I'm starting a business if you want to get involved
oh boy
Its called Cut N Tugs, haircuts with happy endings
The guy drove to our house at 6am to sell us weed. Now that's customer service.
All I remember was yelling at him, "Its becasue of people like you that it took us so long to get to the moon!"
When I woke up in the parking lot today I decided it is not a good idea to hang out with you anymore.
My ex was here I looked him in the eyes when I grabbed some other guy by his belt and dragged him to a room
She was eating whipped cream out of a plunger at 3 am in the morning. Yet somehow she still had an elegance about her.
So much beer in the passenger seat the seatbelt light is blinking
And by "hammer out the details" you know I mean spending 20 minutes on wedding plans then getting wine drunk, right?

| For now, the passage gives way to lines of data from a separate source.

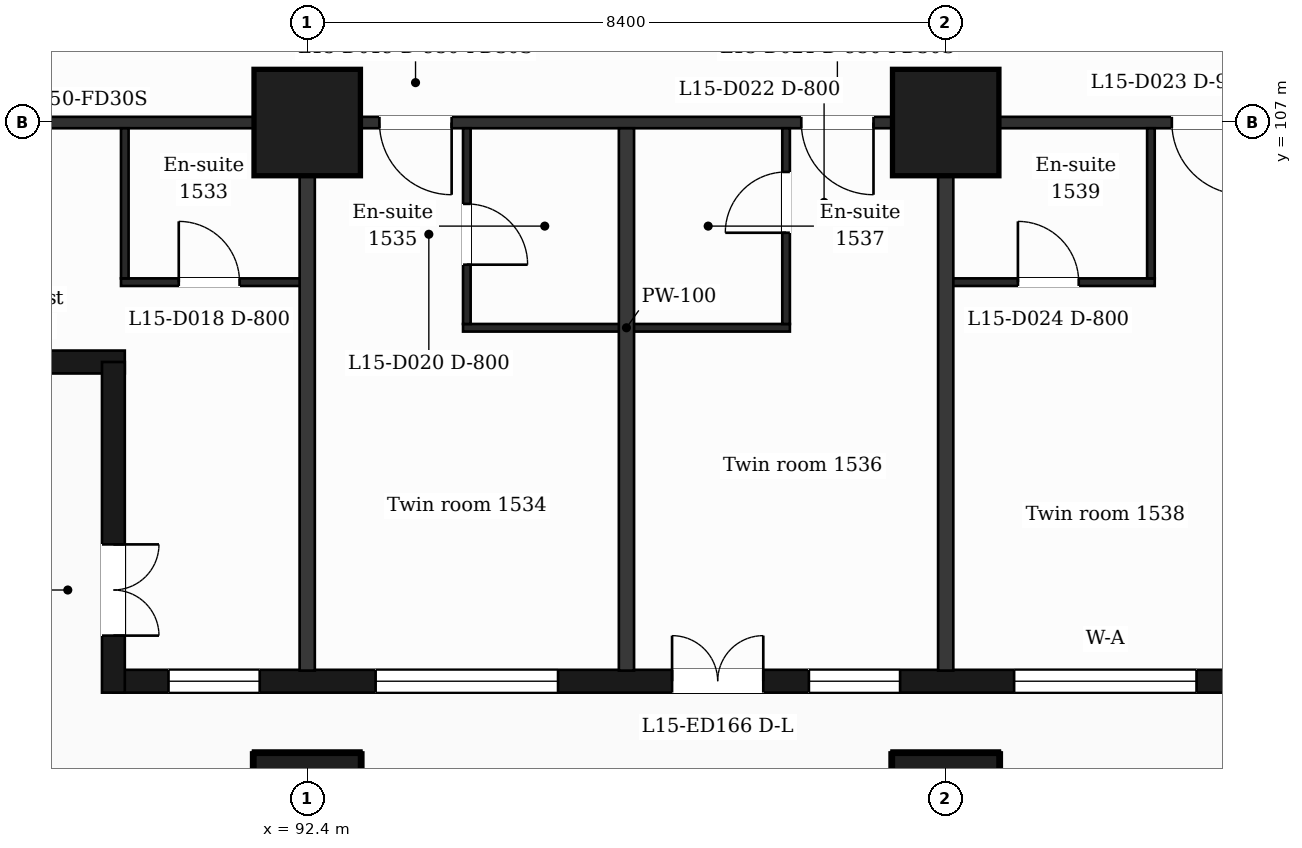
"""IFC4 building model, lengths in metres.
Left out: names, types, materials, properties, quantities, classifications, styles, units other than length and angle.
Written with IfcOpenShell. Run it as: python <this file> out.ifc"""

import sys

from ifc_helpers import new_model, si_unit, direction, frame, frame_2d, origin, origin_2d, place, context, subcontext, project, spatial, rectangle, extrude, element, fill, save


model = new_model("IFC4")
c1 = context("Model", 3, precision=1e-05, world=origin(), true_north=direction((0.0, 1.0)))
c2 = subcontext(c1, "Body", "Model", "MODEL_VIEW")
j1 = project(units=[si_unit("LENGTHUNIT", "METRE"), si_unit("PLANEANGLEUNIT", "RADIAN")], contexts=[c1])
p1 = place(None, origin())
s1 = spatial("IfcSite", under=j1, at=p1, CompositionType="ELEMENT")
p2 = place(p1, origin())
s2 = spatial("IfcBuilding", under=s1, at=p2, CompositionType="ELEMENT")
p3 = place(p2, frame((0.0, 0.0, 70.5)))
s3 = spatial("IfcBuildingStorey", under=s2, at=p3, CompositionType="ELEMENT", Elevation=70.5)
for number, where, z_axis, x_axis in (
    (1, (92.4, 98.0, 0.0), (0.0, 0.0, 1.0), (1.0, 0.0, 0.0)),
    (2, (100.8, 98.0, 0.0), (0.0, 0.0, 1.0), (1.0, 0.0, 0.0)),
    (3, (92.4, 107.0, 0.0), (0.0, 0.0, 1.0), (1.0, 0.0, 0.0)),
    (4, (100.8, 107.0, 0.0), (0.0, 0.0, 1.0), (1.0, 0.0, 0.0)),
):
    element("IfcColumn", number, at=place(p3, frame(where, z_axis=z_axis, x_axis=x_axis)), inside=s3, PredefinedType="COLUMN", context=c2, shape_type="SweptSolid", body=[
        extrude(rectangle(XDim=1.4, YDim=1.4, at=origin_2d()), origin(), (0.0, 0.0, 1.0), 3.5),
    ])
p4 = place(p3, frame((89.85, 99.65, 0.0), z_axis=(0.0, 0.0, 1.0), x_axis=(1.0, 0.0, 0.0)))
e5 = element("IfcWall", 5, at=p4, inside=s3, PredefinedType="SOLIDWALL", context=c2, shape_type="SweptSolid", body=[
    extrude(rectangle(XDim=47.25, YDim=0.3, at=frame_2d((23.625, 0.0))), origin(), (0.0, 0.0, 1.0), 3.18),
])
p5 = place(p4, frame((0.725, 0.0, 0.9)))
e6 = element("IfcOpeningElement", 6, at=p5, cuts=e5, PredefinedType="OPENING", context=c2, shape_type="SweptSolid", body=[
    extrude(rectangle(XDim=1.2, YDim=2.1, at=frame_2d((0.6, 1.05))), frame((0.0, 0.16, 0.0), z_axis=(0.0, -1.0, 0.0), x_axis=(1.0, 0.0, 0.0)), (0.0, 0.0, 1.0), 0.32),
])
p6 = place(p4, frame((3.45, 0.0, 0.9)))
e7 = element("IfcOpeningElement", 7, at=p6, cuts=e5, PredefinedType="OPENING", context=c2, shape_type="SweptSolid", body=[
    extrude(rectangle(XDim=2.4, YDim=2.1, at=frame_2d((1.2, 1.05))), frame((0.0, 0.16, 0.0), z_axis=(0.0, -1.0, 0.0), x_axis=(1.0, 0.0, 0.0)), (0.0, 0.0, 1.0), 0.32),
])
p7 = place(p4, frame((7.35, 0.0, 0.0)))
e8 = element("IfcOpeningElement", 8, at=p7, cuts=e5, PredefinedType="OPENING", context=c2, shape_type="SweptSolid", body=[
    extrude(rectangle(XDim=1.2, YDim=2.4, at=frame_2d((0.6, 1.2))), frame((0.0, 0.16, 0.0), z_axis=(0.0, -1.0, 0.0), x_axis=(1.0, 0.0, 0.0)), (0.0, 0.0, 1.0), 0.32),
])
p8 = place(p4, frame((9.15, 0.0, 0.9)))
e9 = element("IfcOpeningElement", 9, at=p8, cuts=e5, PredefinedType="OPENING", context=c2, shape_type="SweptSolid", body=[
    extrude(rectangle(XDim=1.2, YDim=2.1, at=frame_2d((0.6, 1.05))), frame((0.0, 0.16, 0.0), z_axis=(0.0, -1.0, 0.0), x_axis=(1.0, 0.0, 0.0)), (0.0, 0.0, 1.0), 0.32),
])
p9 = place(p4, frame((11.85, 0.0, 0.9)))
e10 = element("IfcOpeningElement", 10, at=p9, cuts=e5, PredefinedType="OPENING", context=c2, shape_type="SweptSolid", body=[
    extrude(rectangle(XDim=2.4, YDim=2.1, at=frame_2d((1.2, 1.05))), frame((0.0, 0.16, 0.0), z_axis=(0.0, -1.0, 0.0), x_axis=(1.0, 0.0, 0.0)), (0.0, 0.0, 1.0), 0.32),
])
p10 = place(p4, frame((16.05, 0.0, 0.9)))
e11 = element("IfcOpeningElement", 11, at=p10, cuts=e5, PredefinedType="OPENING", context=c2, shape_type="SweptSolid", body=[
    extrude(rectangle(XDim=2.4, YDim=2.1, at=frame_2d((1.2, 1.05))), frame((0.0, 0.16, 0.0), z_axis=(0.0, -1.0, 0.0), x_axis=(1.0, 0.0, 0.0)), (0.0, 0.0, 1.0), 0.32),
])
p11 = place(p4, frame((20.85, 0.0, 0.9)))
e12 = element("IfcOpeningElement", 12, at=p11, cuts=e5, PredefinedType="OPENING", context=c2, shape_type="SweptSolid", body=[
    extrude(rectangle(XDim=1.2, YDim=2.1, at=frame_2d((0.6, 1.05))), frame((0.0, 0.16, 0.0), z_axis=(0.0, -1.0, 0.0), x_axis=(1.0, 0.0, 0.0)), (0.0, 0.0, 1.0), 0.32),
])
p12 = place(p4, frame((25.05, 0.0, 0.9)))
e13 = element("IfcOpeningElement", 13, at=p12, cuts=e5, PredefinedType="OPENING", context=c2, shape_type="SweptSolid", body=[
    extrude(rectangle(XDim=1.2, YDim=2.1, at=frame_2d((0.6, 1.05))), frame((0.0, 0.16, 0.0), z_axis=(0.0, -1.0, 0.0), x_axis=(1.0, 0.0, 0.0)), (0.0, 0.0, 1.0), 0.32),
])
p13 = place(p4, frame((28.65, 0.0, 0.9)))
e14 = element("IfcOpeningElement", 14, at=p13, cuts=e5, PredefinedType="OPENING", context=c2, shape_type="SweptSolid", body=[
    extrude(rectangle(XDim=2.4, YDim=2.1, at=frame_2d((1.2, 1.05))), frame((0.0, 0.16, 0.0), z_axis=(0.0, -1.0, 0.0), x_axis=(1.0, 0.0, 0.0)), (0.0, 0.0, 1.0), 0.32),
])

So the keyword here is "hammered"?
I just did a drunk experiment to find out what it looks like when you turn a burner on the stove on while wearing night-vision goggles. I may be blind in my right eye now.
I'm having salsa con queso and a leftover half-drank/flat red bull for breakfast. Nothing you propose doing today would be a downgrade.
In your drunken glory you promised me, tongue, 12 naked pics, and 1,800 breakfasts.
I'm going to miss recovering from hangovers on the beach. Rolling around in my dorm bed and watching Friends reruns is just gonna feel like slumming it.
I just got a lap dance from a kid in the coconut bra... So not drunk enough for this.
it was the kind of sex that I don't even know how my hair extentions are still in
How did I end up with the cock ring?!